Before showing examples, let's take a few moments to comment those arguments a bit more:
- `do_resolve` decides if we resolve the random arguments by drawing new numbers or not. The intended use is to have the `tfms` applied to the input `x` with `do_resolve`=True, then, if the target `y` needs to be applied data augmentation (if it's a segmentation mask or bounding box), apply the `tfms` to `y` with `do_resolve`=False.
- `mult` default value is very important to make sure your image can pass through most recent CNNs: they divide the size of the input image by 2 a certain amount of time so both dimensions of your picture you should be mutliples of at least 32. Only change the value of this parameter if you know it will be accepted by your model.

Here are a few helper functions to help us load the examples we saw before.

In [None]:
def get_class_ex(): return open_image('imgs/cat_example.jpg')
def get_seg_ex(): return open_image('imgs/car_example.jpg'), open_mask('imgs/mask_example.png')
def get_pnt_ex():
    img = open_image('imgs/face_example.jpg')
    pnts = torch.load('points.pth')
    return img, ImagePoints(FlowField(img.size, pnts))
def get_bb_ex():
    img = open_image('imgs/car_bbox.jpg')
    return img, ImageBBox.create([[96, 155, 270, 351]], *img.size)

Now lets grab our usual bunch of transforms and see what they do.

In [None]:
tfms = get_transforms()
_, axs = plt.subplots(2,4,figsize=(12,6))
for ax in axs.flatten():
    img = apply_tfms(tfms[0], get_class_ex(), size=224)
    img.show(ax=ax)

Now let's check what it gives for a segmentation task.
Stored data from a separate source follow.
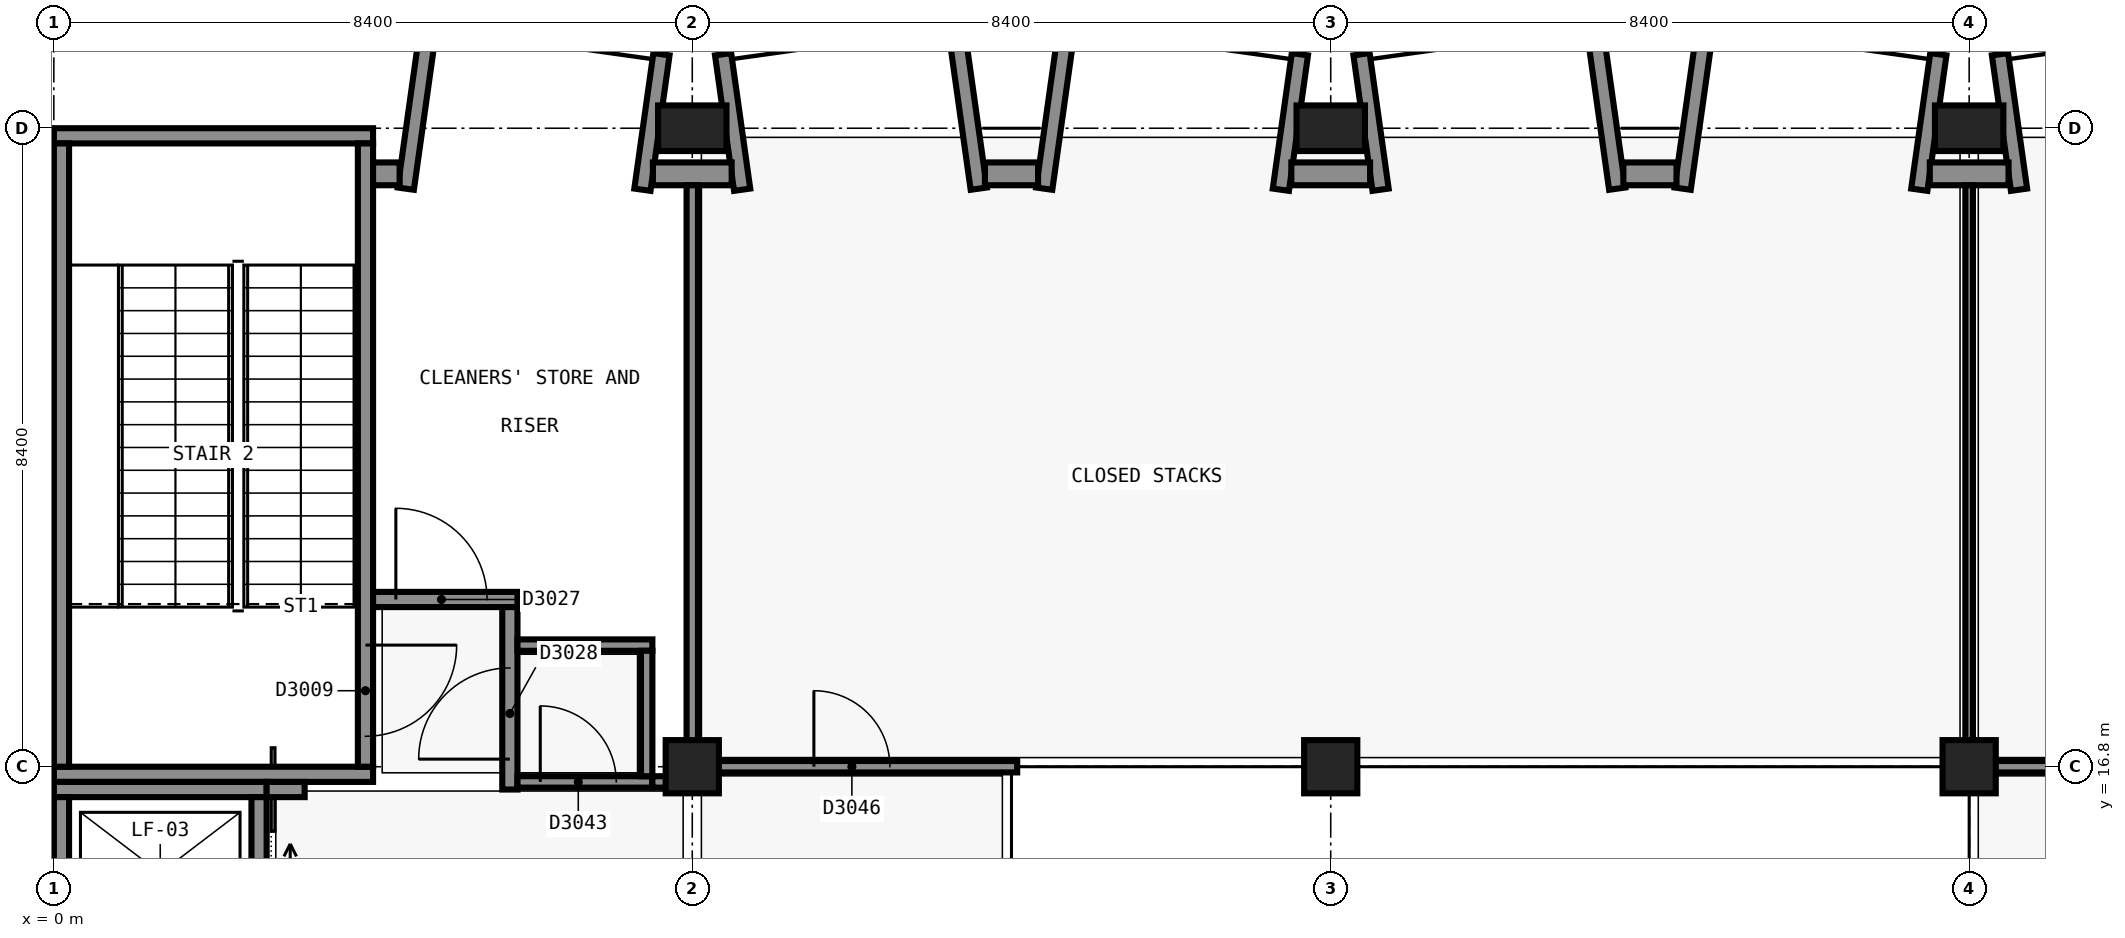
"""IFC4 building model, lengths in metres.
Left out: names, types, materials, properties, quantities, classifications, styles, units other than length and angle.
Written with IfcOpenShell. Run it as: python <this file> out.ifc"""

import sys

from ifc_helpers import new_model, si_unit, direction, frame, frame_2d, origin, origin_2d, place, context, subcontext, project, spatial, rectangle, extrude, element, fill, save


model = new_model("IFC4")
c1 = context("Model", 3, precision=1e-05, world=origin(), true_north=direction((0.0, 1.0)))
c2 = subcontext(c1, "Body", "Model", "MODEL_VIEW")
j1 = project(units=[si_unit("LENGTHUNIT", "METRE"), si_unit("PLANEANGLEUNIT", "RADIAN")], contexts=[c1])
p1 = place(None, origin())
s1 = spatial("IfcSite", under=j1, at=p1, CompositionType="ELEMENT")
p2 = place(p1, origin())
s2 = spatial("IfcBuilding", under=s1, at=p2, CompositionType="ELEMENT")
p3 = place(p2, frame((0.0, 0.0, 15.0)))
s3 = spatial("IfcBuildingStorey", under=s2, at=p3, CompositionType="ELEMENT", Elevation=15.0)
for number, where, z_axis, x_axis in (
    (1, (4.2, 16.7, 0.0), (0.0, 0.0, 1.0), (-1.0, 0.0, 0.0)),
    (2, (0.0, 25.1, 0.0), (0.0, 0.0, 1.0), (1.0, 0.0, 0.0)),
):
    element("IfcWall", number, at=place(p3, frame(where, z_axis=z_axis, x_axis=x_axis)), inside=s3, PredefinedType="SHEAR", context=c2, shape_type="SweptSolid", body=[
        extrude(rectangle(XDim=4.199, YDim=0.2, at=frame_2d((2.1, 0.0))), origin(), (0.0, 0.0, 1.0), 4.8),
    ])
p4 = place(p3, frame((0.1, 16.8, 0.0), z_axis=(0.0, 0.0, 1.0), x_axis=(0.0, 1.0, 0.0)))
e3 = element("IfcWall", 3, at=p4, inside=s3, PredefinedType="SHEAR", context=c2, shape_type="SweptSolid", body=[
    extrude(rectangle(XDim=8.2, YDim=0.2, at=frame_2d((4.1, 0.0))), origin(), (0.0, 0.0, 1.0), 4.8),
])
p5 = place(p3, frame((4.1, 25.0, 0.0), z_axis=(0.0, 0.0, 1.0), x_axis=(0.0, -1.0, 0.0)))
e4 = element("IfcWall", 4, at=p5, inside=s3, PredefinedType="SHEAR", context=c2, shape_type="SweptSolid", body=[
    extrude(rectangle(XDim=8.2, YDim=0.2, at=frame_2d((4.1, 0.0))), origin(), (0.0, 0.0, 1.0), 4.8),
])
p6 = place(p5, frame((6.6, 0.0, 0.0)))
e5 = element("IfcOpeningElement", 5, at=p6, cuts=e4, PredefinedType="OPENING", context=c2, shape_type="SweptSolid", body=[
    extrude(rectangle(XDim=1.2, YDim=2.1, at=frame_2d((0.6, 1.05))), frame((0.0, 0.11, 0.0), z_axis=(0.0, -1.0, 0.0), x_axis=(1.0, 0.0, 0.0)), (0.0, 0.0, 1.0), 0.22),
])
p7 = place(p3, frame((0.0, 16.5, 0.0), z_axis=(0.0, 0.0, 1.0), x_axis=(1.0, 0.0, 0.0)))
e6 = element("IfcWall", 6, at=p7, inside=s3, PredefinedType="SHEAR", context=c2, shape_type="SweptSolid", body=[
    extrude(rectangle(XDim=2.8, YDim=0.2, at=frame_2d((1.4, 0.0))), origin(), (0.0, 0.0, 1.0), 4.8),
])
p8 = place(p3, frame((0.1, 14.3, 0.0), z_axis=(0.0, 0.0, 1.0), x_axis=(0.0, 1.0, 0.0)))
e7 = element("IfcWall", 7, at=p8, inside=s3, PredefinedType="SHEAR", context=c2, shape_type="SweptSolid", body=[
    extrude(rectangle(XDim=2.1, YDim=0.2, at=frame_2d((1.05, 0.0))), origin(), (0.0, 0.0, 1.0), 4.8),
])
p9 = place(p3, frame((2.7, 16.4, 0.0), z_axis=(0.0, 0.0, 1.0), x_axis=(0.0, -1.0, 0.0)))
e8 = element("IfcWall", 8, at=p9, inside=s3, PredefinedType="SHEAR", context=c2, shape_type="SweptSolid", body=[
    extrude(rectangle(XDim=2.1, YDim=0.2, at=frame_2d((1.05, 0.0))), origin(), (0.0, 0.0, 1.0), 4.8),
])
p10 = place(p9, frame((0.45, 0.0, 0.0)))
e9 = element("IfcOpeningElement", 9, at=p10, cuts=e8, PredefinedType="OPENING", context=c2, shape_type="SweptSolid", body=[
    extrude(rectangle(XDim=1.1, YDim=2.1, at=frame_2d((0.55, 1.05))), frame((0.0, 0.11, 0.0), z_axis=(0.0, -1.0, 0.0), x_axis=(1.0, 0.0, 0.0)), (0.0, 0.0, 1.0), 0.22),
])
p11 = place(p3, frame((8.4, 16.8, 0.0), z_axis=(0.0, 0.0, 1.0), x_axis=(1.0, 0.0, 0.0)))
e10 = element("IfcColumn", 10, at=p11, inside=s3, PredefinedType="COLUMN", context=c2, shape_type="SweptSolid", body=[
    extrude(rectangle(XDim=0.7, YDim=0.7, at=origin_2d()), origin(), (0.0, 0.0, 1.0), 4.8),
])
p12 = place(p3, frame((8.4, 25.2, 0.0), z_axis=(0.0, 0.0, 1.0), x_axis=(1.0, 0.0, 0.0)))
e11 = element("IfcColumn", 11, at=p12, inside=s3, PredefinedType="COLUMN", context=c2, shape_type="SweptSolid", body=[
    extrude(rectangle(XDim=0.9, YDim=0.6, at=origin_2d()), origin(), (0.0, 0.0, 1.0), 4.8),
])
p13 = place(p3, frame((16.8, 16.8, 0.0), z_axis=(0.0, 0.0, 1.0), x_axis=(1.0, 0.0, 0.0)))
e12 = element("IfcColumn", 12, at=p13, inside=s3, PredefinedType="COLUMN", context=c2, shape_type="SweptSolid", body=[
    extrude(rectangle(XDim=0.7, YDim=0.7, at=origin_2d()), origin(), (0.0, 0.0, 1.0), 4.8),
])
p14 = place(p3, frame((16.8, 25.2, 0.0), z_axis=(0.0, 0.0, 1.0), x_axis=(1.0, 0.0, 0.0)))
e13 = element("IfcColumn", 13, at=p14, inside=s3, PredefinedType="COLUMN", context=c2, shape_type="SweptSolid", body=[
    extrude(rectangle(XDim=0.9, YDim=0.6, at=origin_2d()), origin(), (0.0, 0.0, 1.0), 4.8),
])
p15 = place(p3, frame((25.2, 16.8, 0.0), z_axis=(0.0, 0.0, 1.0), x_axis=(1.0, 0.0, 0.0)))
e14 = element("IfcColumn", 14, at=p15, inside=s3, PredefinedType="COLUMN", context=c2, shape_type="SweptSolid", body=[
    extrude(rectangle(XDim=0.7, YDim=0.7, at=origin_2d()), origin(), (0.0, 0.0, 1.0), 4.8),
])
p16 = place(p3, frame((25.2, 25.2, 0.0), z_axis=(0.0, 0.0, 1.0), x_axis=(1.0, 0.0, 0.0)))
e15 = element("IfcColumn", 15, at=p16, inside=s3, PredefinedType="COLUMN", context=c2, shape_type="SweptSolid", body=[
    extrude(rectangle(XDim=0.9, YDim=0.6, at=origin_2d()), origin(), (0.0, 0.0, 1.0), 4.8),
])
p17 = place(p3, frame((2.8, 16.5, 0.0), z_axis=(0.0, 0.0, 1.0), x_axis=(1.0, 0.0, 0.0)))
e16 = element("IfcWall", 16, at=p17, inside=s3, PredefinedType="SHEAR", context=c2, shape_type="SweptSolid", body=[
    extrude(rectangle(XDim=0.5, YDim=0.2, at=frame_2d((0.25, 0.0))), origin(), (0.0, 0.0, 1.0), 4.8),
])
p18 = place(p3, frame((4.631, 24.405, 0.0), z_axis=(0.0, 0.0, 1.0), x_axis=(0.139141913905, 0.990272451295, 0.0)))
e17 = element("IfcWall", 17, at=p18, inside=s3, PredefinedType="SOLIDWALL", context=c2, shape_type="SweptSolid", body=[
    extrude(rectangle(XDim=2.219, YDim=0.215, at=frame_2d((1.11, 0.0))), origin(), (0.0, 0.0, 1.0), 4.5),
])
for number, where, z_axis, x_axis in (
    (18, (7.744, 24.391, 0.0), (0.0, 0.0, 1.0), (0.139, 0.99, 0.0)),
    (19, (9.056, 24.391, 0.0), (0.0, 0.0, 1.0), (-0.139, 0.99, 0.0)),
):
    element("IfcWall", number, at=place(p3, frame(where, z_axis=z_axis, x_axis=x_axis)), inside=s3, PredefinedType="SOLIDWALL", context=c2, shape_type="SweptSolid", body=[
        extrude(rectangle(XDim=1.8, YDim=0.215, at=frame_2d((0.9, 0.0))), origin(), (0.0, 0.0, 1.0), 4.5),
    ])
p19 = place(p3, frame((12.169, 24.405, 0.0), z_axis=(0.0, 0.0, 1.0), x_axis=(-0.139141913905, 0.990272451295, 0.0)))
e20 = element("IfcWall", 20, at=p19, inside=s3, PredefinedType="SOLIDWALL", context=c2, shape_type="SweptSolid", body=[
    extrude(rectangle(XDim=2.219, YDim=0.215, at=frame_2d((1.11, 0.0))), origin(), (0.0, 0.0, 1.0), 4.5),
])
p20 = place(p3, frame((13.031, 24.405, 0.0), z_axis=(0.0, 0.0, 1.0), x_axis=(0.139249775508, 0.99025728981, 0.0)))
e21 = element("IfcWall", 21, at=p20, inside=s3, PredefinedType="SOLIDWALL", context=c2, shape_type="SweptSolid", body=[
    extrude(rectangle(XDim=2.22, YDim=0.215, at=frame_2d((1.11, 0.0))), origin(), (0.0, 0.0, 1.0), 4.5),
])
for number, where, z_axis, x_axis in (
    (22, (16.144, 24.391, 0.0), (0.0, 0.0, 1.0), (0.139, 0.99, 0.0)),
    (23, (17.456, 24.391, 0.0), (0.0, 0.0, 1.0), (-0.139, 0.99, 0.0)),
):
    element("IfcWall", number, at=place(p3, frame(where, z_axis=z_axis, x_axis=x_axis)), inside=s3, PredefinedType="SOLIDWALL", context=c2, shape_type="SweptSolid", body=[
        extrude(rectangle(XDim=1.8, YDim=0.215, at=frame_2d((0.9, 0.0))), origin(), (0.0, 0.0, 1.0), 4.5),
    ])
for number, where, z_axis, x_axis in (
    (24, (20.569, 24.405, 0.0), (0.0, 0.0, 1.0), (-0.139, 0.99, 0.0)),
    (25, (21.431, 24.405, 0.0), (0.0, 0.0, 1.0), (0.139, 0.99, 0.0)),
):
    element("IfcWall", number, at=place(p3, frame(where, z_axis=z_axis, x_axis=x_axis)), inside=s3, PredefinedType="SOLIDWALL", context=c2, shape_type="SweptSolid", body=[
        extrude(rectangle(XDim=2.219, YDim=0.215, at=frame_2d((1.11, 0.0))), origin(), (0.0, 0.0, 1.0), 4.5),
    ])
for number, where, z_axis, x_axis in (
    (26, (24.544, 24.391, 0.0), (0.0, 0.0, 1.0), (0.139, 0.99, 0.0)),
    (27, (25.856, 24.391, 0.0), (0.0, 0.0, 1.0), (-0.139, 0.99, 0.0)),
):
    element("IfcWall", number, at=place(p3, frame(where, z_axis=z_axis, x_axis=x_axis)), inside=s3, PredefinedType="SOLIDWALL", context=c2, shape_type="SweptSolid", body=[
        extrude(rectangle(XDim=1.8, YDim=0.215, at=frame_2d((0.9, 0.0))), origin(), (0.0, 0.0, 1.0), 4.5),
    ])
p21 = place(p3, frame((4.2, 24.6, 0.0), z_axis=(0.0, 0.0, 1.0), x_axis=(1.0, 0.0, 0.0)))
e28 = element("IfcWall", 28, at=p21, inside=s3, PredefinedType="SOLIDWALL", context=c2, shape_type="SweptSolid", body=[
    extrude(rectangle(XDim=0.349, YDim=0.3, at=frame_2d((0.175, 0.0))), origin(), (0.0, 0.0, 1.0), 4.5),
])
p22 = place(p3, frame((7.882, 24.6, 0.0), z_axis=(0.0, 0.0, 1.0), x_axis=(1.0, 0.0, 0.0)))
e29 = element("IfcWall", 29, at=p22, inside=s3, PredefinedType="SOLIDWALL", context=c2, shape_type="SweptSolid", body=[
    extrude(rectangle(XDim=1.036, YDim=0.3, at=frame_2d((0.518, 0.0))), origin(), (0.0, 0.0, 1.0), 4.5),
])
p23 = place(p3, frame((12.25, 24.6, 0.0), z_axis=(0.0, 0.0, 1.0), x_axis=(1.0, 0.0, 0.0)))
e30 = element("IfcWall", 30, at=p23, inside=s3, PredefinedType="SOLIDWALL", context=c2, shape_type="SweptSolid", body=[
    extrude(rectangle(XDim=0.699, YDim=0.3, at=frame_2d((0.35, 0.0))), origin(), (0.0, 0.0, 1.0), 4.5),
])
p24 = place(p3, frame((16.282, 24.6, 0.0), z_axis=(0.0, 0.0, 1.0), x_axis=(1.0, 0.0, 0.0)))
e31 = element("IfcWall", 31, at=p24, inside=s3, PredefinedType="SOLIDWALL", context=c2, shape_type="SweptSolid", body=[
    extrude(rectangle(XDim=1.036, YDim=0.3, at=frame_2d((0.518, 0.0))), origin(), (0.0, 0.0, 1.0), 4.5),
])
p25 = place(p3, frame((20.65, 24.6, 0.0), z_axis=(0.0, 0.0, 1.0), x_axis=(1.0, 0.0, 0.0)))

Note that, as instructed by the documentation of [`apply_tfms`](/vision.image.html#apply_tfms) we first apply the transforms to the input, then apply them to the target while adding `do_resolve`=False.

In [None]:
tfms = get_transforms()
_, axs = plt.subplots(2,4,figsize=(12,6))
for ax in axs.flatten():
    img,mask = get_seg_ex()
    img = apply_tfms(tfms[0], img, size=224)
    mask = apply_tfms(tfms[0], mask, do_resolve=False, size=224)
    img.show(ax=ax, y=mask)

Internally, each transforms save the values it picked randomly in a dictionary called resolved, which is how they can reuse those numbers for the target.


In [None]:
tfms[0][4]

For points, [`ImagePoints`](/vision.image.html#ImagePoints) will apply the transforms to the coordinates.

In [None]:
tfms = get_transforms()
_, axs = plt.subplots(2,4,figsize=(12,6))
for ax in axs.flatten():
    img,pnts = get_pnt_ex()
    img = apply_tfms(tfms[0], img, size=224)
    pnts = apply_tfms(tfms[0], pnts, do_resolve=False, size=224)
    img.show(ax=ax, y=pnts)

Now for the bounding box, the [`ImageBBox`](/vision.image.html#ImageBBox) will automatically update the coordinates of the two opposite corners in its data attribute.

In [None]:
tfms = get_transforms()
_, axs = plt.subplots(2,4,figsize=(12,6))
for ax in axs.flatten():
    img,bbox = get_bb_ex()
    img = apply_tfms(tfms[0], img, size=224)
    bbox = apply_tfms(tfms[0], bbox, do_resolve=False, size=224)
    img.show(ax=ax, y=bbox)

## Randomness

As explained in the [transform module](http://docs.fast.ai/vision.transform.html#Randomness), to indicate to a [`Transform`](/vision.image.html#Transform) how to randomize an argument, we use a type annotation by a random function. Here is the list of the available functions.

In [None]:
show_doc(rand_bool)

In [None]:
rand_bool(0.5, 8)

In [None]:
show_doc(uniform)

In [None]:
uniform(0,1,(8,))

In [None]:
show_doc(uniform_int)

In [None]:
uniform_int(0,2,(8,))

In [None]:
show_doc(log_uniform, doc_string=False)

Picks a random number (or tensor `size`) between log(`low`) and log(`high`), then returns its exponential (so that it's between `low` and `high` in the end). 

In [None]:
log_uniform(0.5,2,(8,))

## Fastai internal pipeline

### What does a transform do?

Typically, a data augmentation operation will randomly modify an image input. This operation can apply to pixels (when we modify the contrast or brightness for instance) or to coordinates (when we do a rotation, a zoom or a resize). The operations that apply to pixels can easily be coded in numpy/pytorch, directly on an array/tensor but the ones that modify the coordinates are a bit more tricky.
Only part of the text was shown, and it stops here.